Enhanced Harmonics Reactive Power Control Strategy Based on Multilevel Inverter Using ML-FFNN for Dynamic Power Load Management in Microgrid.

Abstract

The shift of the world in the past two decades towards renewable energy (RES), due to the continuously decreasing fossil fuel reserves and their bad impact on the environment, has attracted researchers all around the world to improve the efficiency of RES and eliminate problems that arise at the point of common coupling (PCC). Harmonics and un-balance in 3-phase voltages because of dynamic and nonlinear loads cause a lagging power factor due to inductive load, active power losses, and instability at the point of common coupling. This also happens due to a lack of system inertia in micro-grids.

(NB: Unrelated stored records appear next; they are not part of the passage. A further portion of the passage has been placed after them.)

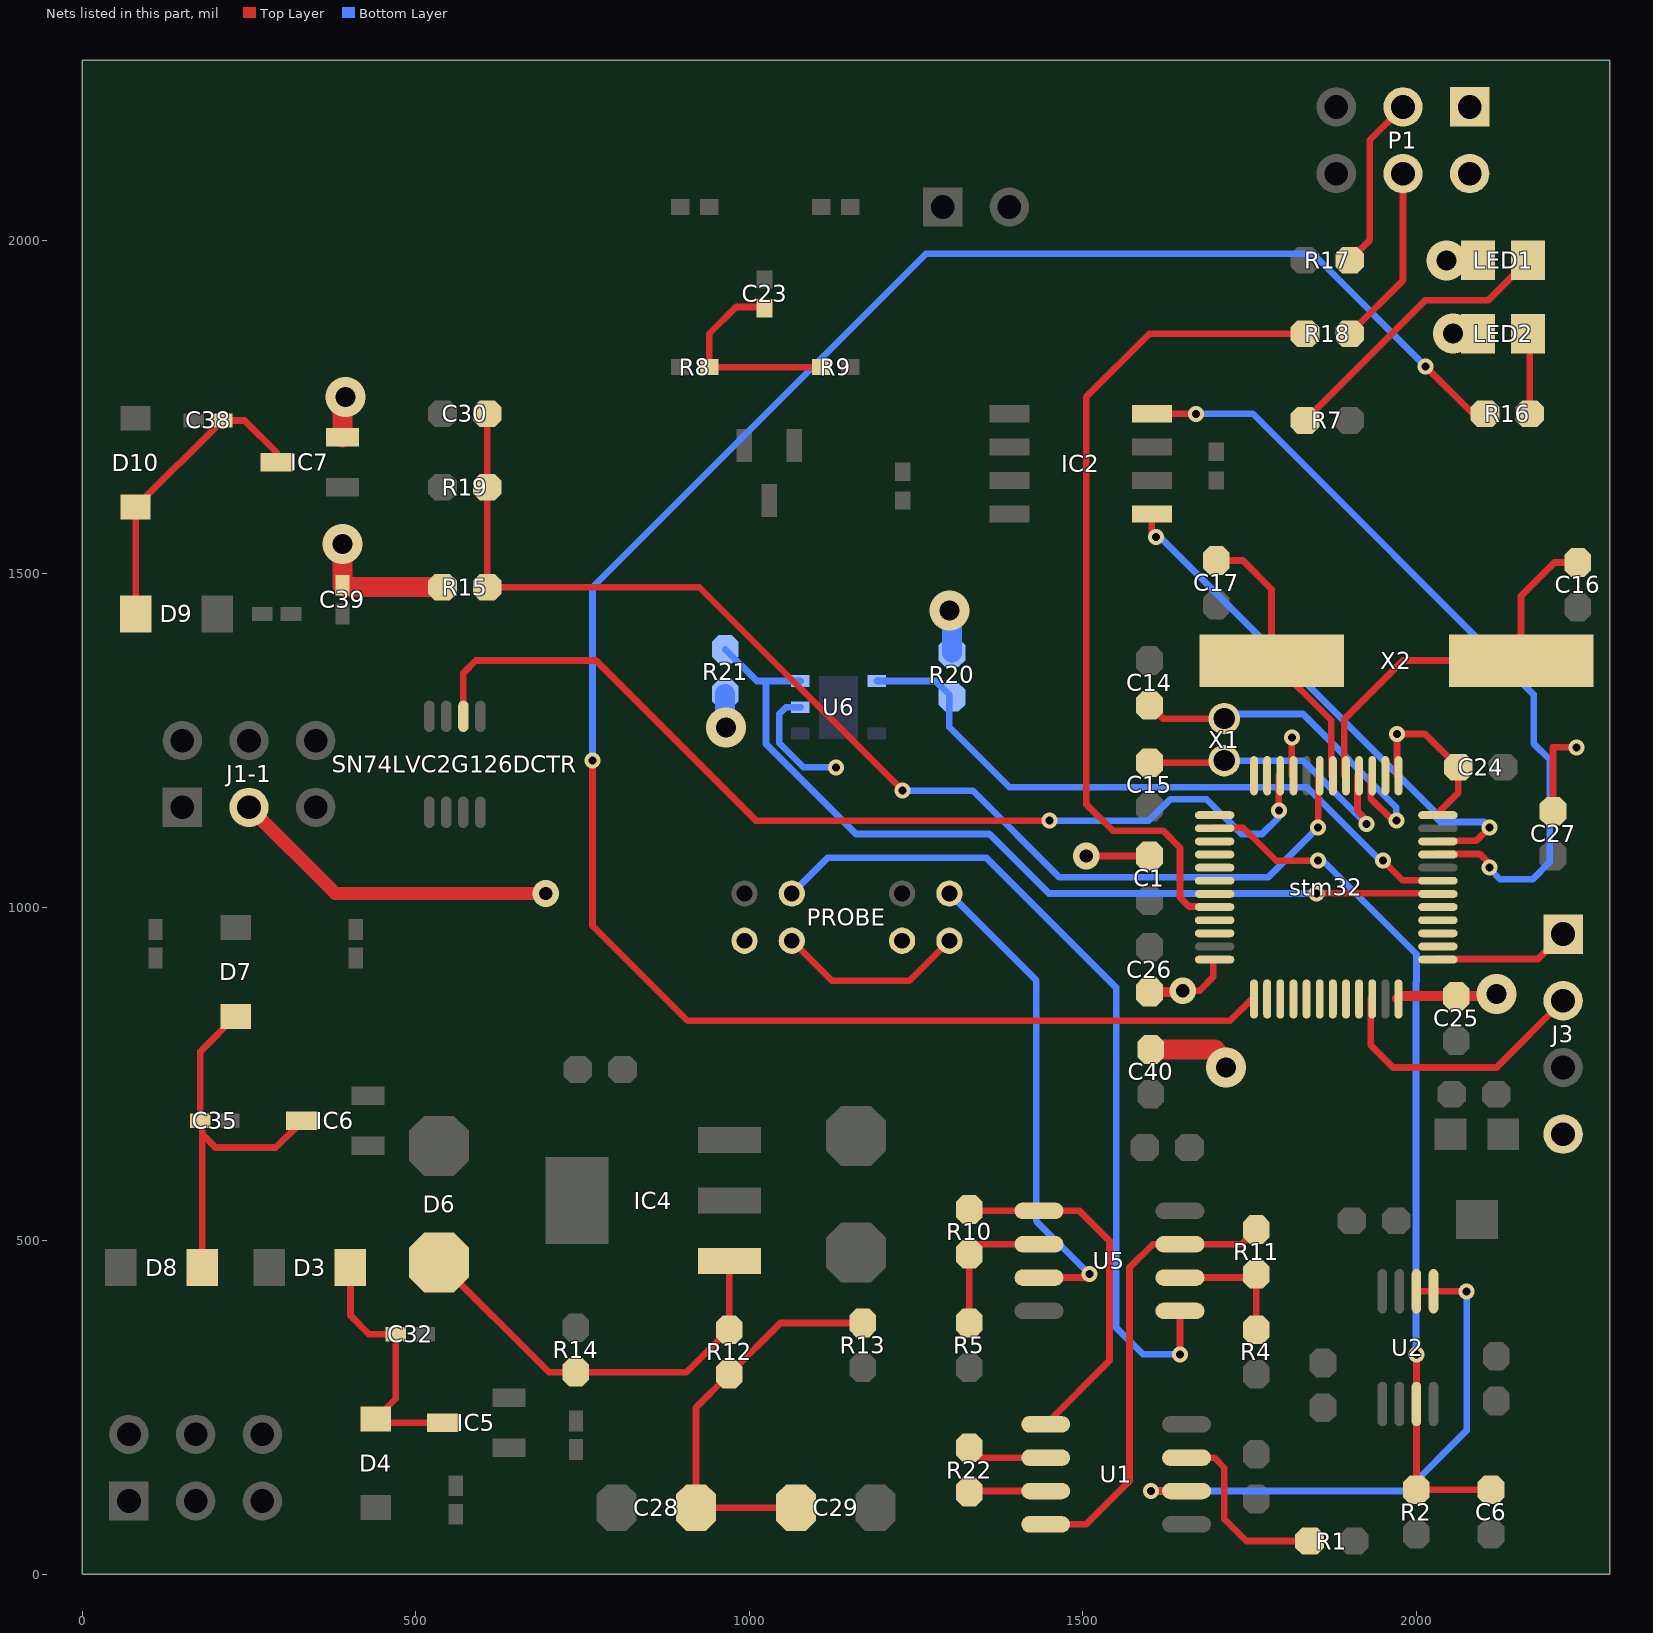
[diagram p0: the nets of this part, all layers, seen from the top]
# Altium PCB MISC82170.PcbDoc (part 2 of 2)
Units mil, origin at the board's own origin, x right, y up, seen from the top; angles counter-clockwise.
Board outline 2290 x 2270 mil, 4 copper layers (Top Layer, GND, VCC, Bottom Layer), stack 43.156 mil thick; 86 components, 73 nets, 279 pads, 92 vias.

## Via types
v1: diameter 60, hole 30, Top Layer to Bottom Layer, 42 vias
v2: diameter 24, hole 12, Top Layer to Bottom Layer, 34 vias
v3: diameter 40, hole 20, Top Layer to Bottom Layer, 16 vias

## Nets (pads, with @x,y where several pads share a name; then routed paths per layer and width w, separated by ;. In a path a pad name is that pad's centre, name@x,y a point inside that pad or via, vN(x,y) a via of type N, cw(c..) or ccw(c..) an arc to the next point about the centre after c; other vN are vias at no path point) (continued)
NetC23_1: C23.1 R8.2 R9.1 | length 318.3
  Top Layer w10: C23.1@1022.89,1898.03 1020.92,1900 980,1900 940,1860 R8.2@940,1810 R9.1@1108.03,1810
NetC28_2: C28.2 C29.2 R12.1 R13.2 | length 602.6
  Top Layer w10: C29.2@1070,100 C28.2@920,100 920,250 R12.1@970,300 1047,377 R13.2@1170,377
NetC32_2: C32.2 D3.2 D4.2 IC5.3 | length 394.8
  Top Layer w10: D3.2@402.05,460 402.05,387.95 430,360 C32.2@470,360 470,263.26 D4.2@440,233.26 445.86,227.4 IC5.3@541.6,227.4
NetC35_2: C35.2 D7.2 D8.2 IC6.3 | length 574.7
  Top Layer w10: D8.2@180,460 180,660 ; D7.2@230,836.74 177.08,783.82 C35.2@177.08,680 180,677.08 180,660 ; IC6.3@330,680 290,640 200,640 180,660
NetC38_2: C38.2 D9.2 D10.2 IC7.3 | length 459.8
  Top Layer w10: D9.2@80,1440 D10.2@80,1600 C38.2@210,1730 243.31,1730 291.6,1681.71 IC7.3@291.6,1667.4
NetD6_1: D6.1 IC4.1 R12.2 R14.1 | length 632.6
  Top Layer w10: D6.1@535,467.5 699.5,303 R14.1@740,303 906,303 R12.2@970,367 IC4.1@970,470
NetLED1_2: LED1.2 R7.1 | length 433.8
  Top Layer w10: R7.1@1833,1730 2013,1910 2107.4,1910 LED1.2@2167.4,1970
NetLED2_2: LED2.2 R16.1 | length 121.1
  Top Layer w10: LED2.2@2167.4,1860 2170,1857.4 R16.1@2170,1740
NetP1_3: P1.3 R17.2 | length 263.1
  Top Layer w10: R17.2@1900,1970 1930,2000 1930,2150 P1.3@1980,2200
NetP1_4: P1.4 R18.2 | length 273.1
  Top Layer w10: R18.2@1900,1860 1980,1940 P1.4@1980,2100
NetPROBE_V1-: PROBE.2 PROBE.6 | length 285.9
  Top Layer w10: PROBE.2@1063.78,950 1123.78,890 1240,890 PROBE.6@1300,950
NetPROBE_V+/V2+: PROBE.5 U5.3 | length 735.5
  Top Layer w10: U5.3@1434.39,445 1505,445 v2(1510,450)
  Bottom Layer w10: PROBE.5@1300,1020.87 1430,890.87 1430,530 v2(1510,450)
NetPROBE_V-/V1+: PROBE.1 U5.5 | length 1275.9
  Top Layer w10: v2(1645.61,330) U5.5@1645.61,395
  Bottom Layer w10: PROBE.1@1063.78,1020.87 1117.13,1074.22 1355.78,1074.22 1550,880 1550,370 1590,330 v2(1645.61,330)
NetR1_1: R1.1 U1.7 | length 281.3
  Top Layer w10: U1.7@1655.61,175 1697.07,175 1712.07,160 1712.07,82.93 1745,50 R1.1@1840,50
NetR4_2: R4.2 R11.2 U5.6 | length 199.5
  Top Layer w10: U5.6@1645.61,445 1755,445 R11.2@1760,450 R4.2@1760,367
NetR5_1: R5.1 R10.2 U5.2 | length 213.6
  Top Layer w10: R5.1@1330,377 R10.2@1330,480 1345,495 U5.2@1434.39,495
NetR10_1: R10.1 U1.1 U5.1 | length 544.1
  Top Layer w10: R10.1@1330,547 1332,545 U5.1@1434.39,545 1495,545 1540,500 1540,320.61 U1.1@1444.39,225
NetR11_1: R11.1 U1.4 U5.7 | length 686.1
  Top Layer w10: U1.4@1444.39,75 1505,75 1570,140 1570,460 1605,495 U5.7@1645.61,495 1738,495 R11.1@1760,517
NetR22_1: R22.1 U1.3 | length 115.2
  Top Layer w10: R22.1@1330,123 1332,125 U1.3@1444.39,125
NetR22_2: R22.2 U1.2 | length 120.6
  Top Layer w10: R22.2@1330,190 1345,175 U1.2@1444.39,175
NetU1_6: U1.6 U2.1 U2.2 | length 848.9
  Top Layer w10: v2(1602,125) U1.6@1655.61,125 ; U2.2@2000.19,424.49 U2.1@2025.79,424.49 v2(2075.51,424.49)
  Bottom Layer w10: v2(1602,125) 1985,125 2075.51,215.51 v2(2075.51,424.49)
NRST: C30.2 R15.1 R19.2 stm32.7 | length 1795.2
  Top Layer w10: C30.2@607,1740 R19.2@607,1630 R15.1@607,1480 925,1480 v2(1230,1175) ; v2(1852.84,1120) stm32.7@1852.84,1198.11
  Bottom Layer w10: v2(1230,1175) 1335,1175 1465,1045 1777.84,1045 v2(1852.84,1120)
OSC32_IN: C14.1 stm32.3 X1.1 | length 546.1
  Top Layer w10: C14.1@1600,1303 1620,1283 X1.1@1712.07,1283 ; stm32.3@1931.58,1198.11 1931.58,1163.42 1965,1130 v2(1970,1130)
  Bottom Layer w10: X1.1@1712.07,1283 1719.07,1290 1830,1290 1970,1150 v2(1970,1130)
OSC32_OUT: C15.1 stm32.4 X1.2 | length 444.1
  Top Layer w10: C15.1@1600,1217 1709.07,1217 X1.2@1712.07,1220 ; stm32.4@1911.89,1198.11 1911.89,1144.68 1925,1131.58 v2(1925,1125)
  Bottom Layer w10: X1.2@1712.07,1220 1830,1220 v2(1925,1125)
OSC_IN: C16.2 stm32.5 X2.1 | length 588
  Top Layer w10: stm32.5@1892.21,1198.11 1892.21,1282.21 1980,1370 X2.1@2157.01,1370 2157.01,1467.01 2207,1517 C16.2@2242,1517
OSC_OUT: C17.2 stm32.6 X2.2 | length 416.8
  Top Layer w10: C17.2@1700,1520 1740,1520 1782.99,1477.01 X2.2@1782.99,1370 1872.52,1280.47 stm32.6@1872.52,1198.11
PA0: SN74LVC2G126DCTR.2 stm32.10 | length 1502.8
  Top Layer w10: SN74LVC2G126DCTR.2@571.38,1286.38 571.38,1351.38 590,1370 770,1370 1010,1130 v2(1450,1130) ; v2(1793.78,1145) stm32.10@1793.78,1198.11
  Bottom Layer w10: v2(1450,1130) 1598.86,1130 1630.86,1162 1685.81,1162 1737.81,1110 1768.78,1110 1793.78,1135 v2(1793.78,1145)
PA1: stm32.11
PA2: stm32.12
PA3: stm32.13
PA4: C6.2 R2.2 stm32.14 U2.7 | length 1299.1
  Top Layer w10: stm32.14@1695.35,1119.37 1740.63,1119.37 1790,1070 v2(1852.84,1070) ; v2@2000,330 v2(2000.19,329.81) U2.7@2000.19,255.51 2000.19,127.19 R2.2@2000,127 C6.2@2112,127
  Bottom Layer w10: v2(1852.84,1070) 1860,1070 2000.19,929.81 2000.19,888.79 1999.5,888.11 1999.5,330.5 v2(2000.19,329.81)
PA5: stm32.15
PA6: stm32.16
PA7: stm32.17
PA8: stm32.29
PA9: stm32.30
PA10: stm32.31
PA15: stm32.38
PB0: stm32.18
PB1: stm32.19
PB2/BOOT1: R18.1 stm32.20 | length 1275
  Top Layer w10: stm32.20@1695.35,1001.26 1659.35,1001.26 1645.61,1015 1645.61,1089.39 1620,1115 1545,1115 1505,1155 1505,1765 1600,1860 R18.1@1833,1860
PB3: stm32.39
PB4: stm32.40
PB5: stm32.41
PB6: R21.1 stm32.42 U6.6 | length 1324.9
  Top Layer w10: v2(1850,1020.87) 1850.08,1020.94 stm32.42@2030,1020.94
  Bottom Layer w10: R21.1@963.78,1387 1011.41,1339.37 1025,1339.37 ; U6.6@1076.67,1339.37 1025,1339.37 ; v2(1850,1020.87) 1449.13,1020.87 1360,1110 1160,1110 1025,1245 1025,1339.37
PB7: R20.1 stm32.43 U6.1 | length 991.4
  Top Layer w10: v2(1950,1070) 1979.37,1040.63 stm32.43@2030,1040.63
  Bottom Layer w10: U6.1@1190.89,1339.37 1279.38,1339.37 1300,1318.75 1300,1270 1390,1180 1836.06,1180 1946.06,1070 v2(1950,1070)
PB8/CANRX: IC2.4 stm32.45 | length 1208.7
  Top Layer w10: IC2.4@1603.54,1740 v2(1670,1740) ; stm32.45@2030,1080 2095.31,1080 2110,1065.31 v2(2110,1060)
  Bottom Layer w10: v2(1670,1740) 1755,1740 2175.9,1319.1 2175.9,1245.89 2200,1221.79 2200,1067.89 2174.14,1042.03 2125.86,1042.03 2110,1057.89 v2(2110,1060)
PB9/CANTX: IC2.1 stm32.46 | length 830.5
  Top Layer w10: IC2.1@1603.54,1590 1603.54,1561.46 v2(1610,1555) ; stm32.46@2050,1100 2030.32,1100 2030,1099.68 2089.68,1099.68 v2(2110,1120)
  Bottom Layer w10: v2(1610,1555) 1615.93,1555 2030,1140.93 2030,1133.86 2035.86,1128 2102,1128 v2(2110,1120)
PB10: stm32.21
PB11: stm32.22
PB12: R16.2 stm32.25 | length 3215.3
  Top Layer w10: v2(765,1220) 765,972.52 907.52,830 1720.95,830 stm32.25@1754.41,863.46 ; v2(2014.01,1810.99) 2085,1740 R16.2@2103,1740
  Bottom Layer w10: v2(765,1220) 765,1480 1265,1980 1845,1980 v2(2014.01,1810.99) v2@2015,1810.99
PB13: stm32.26
PB14: stm32.27
PB15: stm32.28
PC13: stm32.2
SWCLK: J3.1 stm32.37 | length 205.5
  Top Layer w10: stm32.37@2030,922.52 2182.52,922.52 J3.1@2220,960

Passive filters are used to eliminate harmonics at both the electrical converter’s input and output sides and improve the system’s power factor. A Synchronous Reference Frame (SRF) control method is used to overcome the problem related to grid synchronization. The sine pulse width modulation (SPWM) technique provides gating signals to the switches of the multilevel inverter. A multi-layer feed forward neural network (ML-FFNN) is employed at the output of a system to minimize mean square error (MSE) by removing the errors between target voltages and reference voltages produced at the output of a trained model. Simulations were performed using MATLAB Simulink to highlight the significance of the proposed research study. The simulation results show that our proposed intelligent control scheme used for the suppression of harmonics compensated for reactive power more effectively than the SRF-based control methods. The simulation-based results confirm that the proposed ML-FFNN-based harmonic and reactive power control technique performs better in terms of MAE, for the case of MSE, and when evaluating based on the RMSE.